ショータロー☆コンプレックス2
「その通り。だから、うまくコントロールできずに、もっと悪化していた可能性だってあるのよ。それがお薬飲むくらいで治まっているんだから、この状況をありがたいと思わなくちゃね」


『お前にはまだ大分先の話だからピンと来ないだろうけど、歳取るとあちこちガタが来るもんなんだよ』


ふいに、遠い昔にじいちゃんがしみじみと発していた言葉を思い出した。


じいちゃんも血糖値と血圧が高くて、やはり定期的に通院して薬をもらっていたんだけど「何でお薬飲んでるのに治らないの?いつまで飲むの?」と素朴でなおかつ残酷な質問をしたオレに対して、そのように返答したのだった。
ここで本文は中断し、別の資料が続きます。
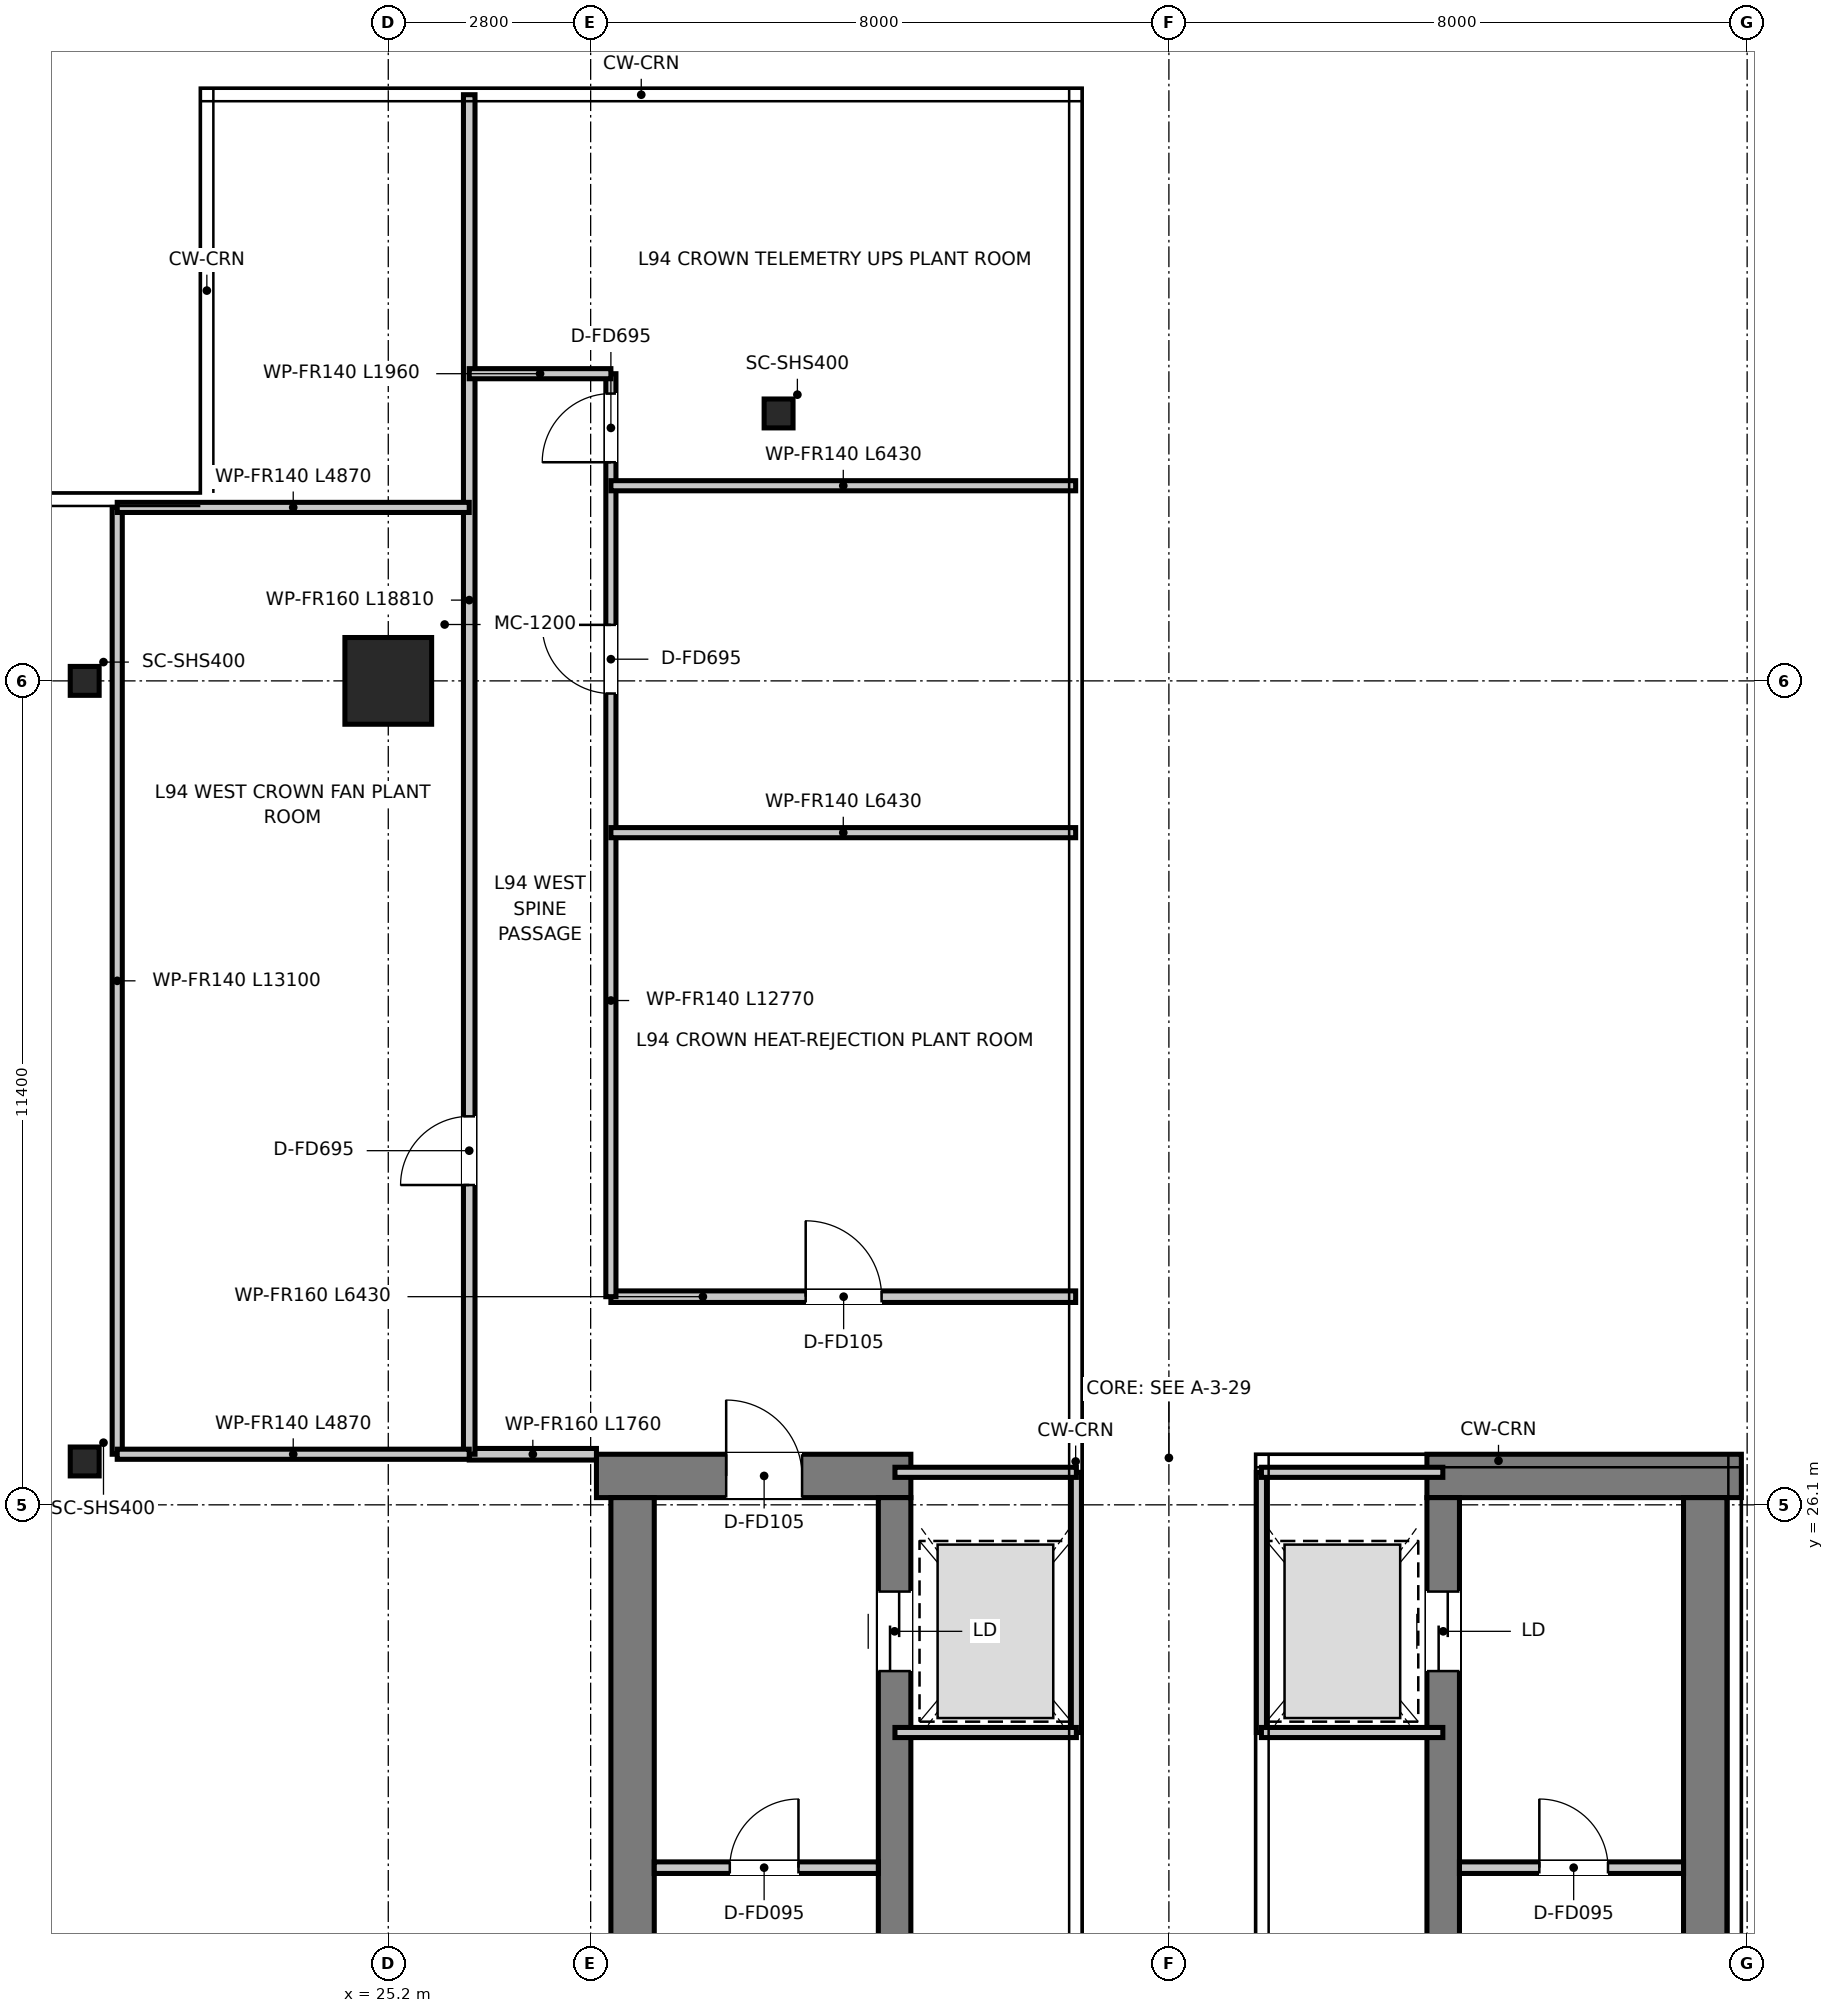
"""IFC4 building model, lengths in metres.
Left out: names, types, materials, properties, quantities, classifications, styles, units other than length and angle.
Written with IfcOpenShell. Run it as: python <this file> out.ifc"""

import sys

from ifc_helpers import new_model, si_unit, direction, frame, frame_2d, origin, origin_2d, place, context, subcontext, project, spatial, rectangle, hollow_rectangle, extrude, source, transform, mapped, element, fill, save


model = new_model("IFC4")
c1 = context("Model", 3, precision=1e-05, world=origin(), true_north=direction((0.0, 1.0)))
c2 = subcontext(c1, "Body", "Model", "MODEL_VIEW")
j1 = project(units=[si_unit("LENGTHUNIT", "METRE"), si_unit("PLANEANGLEUNIT", "RADIAN")], contexts=[c1])
p1 = place(None, origin())
s1 = spatial("IfcSite", under=j1, at=p1, CompositionType="ELEMENT")
p2 = place(p1, origin())
s2 = spatial("IfcBuilding", under=s1, at=p2, CompositionType="ELEMENT")
p3 = place(p2, frame((0.0, 0.0, 381.85)))
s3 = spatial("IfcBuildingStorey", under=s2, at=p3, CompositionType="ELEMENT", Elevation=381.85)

今のオレならそれが【持病】というもので、薬を飲めば翌日には治る、というような単純なものではないという事、それとうまく折り合いをつけて日常生活を送って行かなくてはいけないものなのだという事を理解できるけれど。


だけど小さい時はホント、長い期間、しかも毎日かかさず薬を飲み続けなくちゃいけないなんて、なんてわずらわしくて怖い事なんだろうと思っていた。


「あ、来たかしら」


するとふいに、女性は玄関付近に視線を向けながら呟いた。


オレもつられてそちらを見ると、ガラスのドア越しに、白のセダンが駐車場を横切って行くのが確認できた。


と同時に、辻谷が小走りにドアに近付き、取っ手に手をかける様子も見て取れる。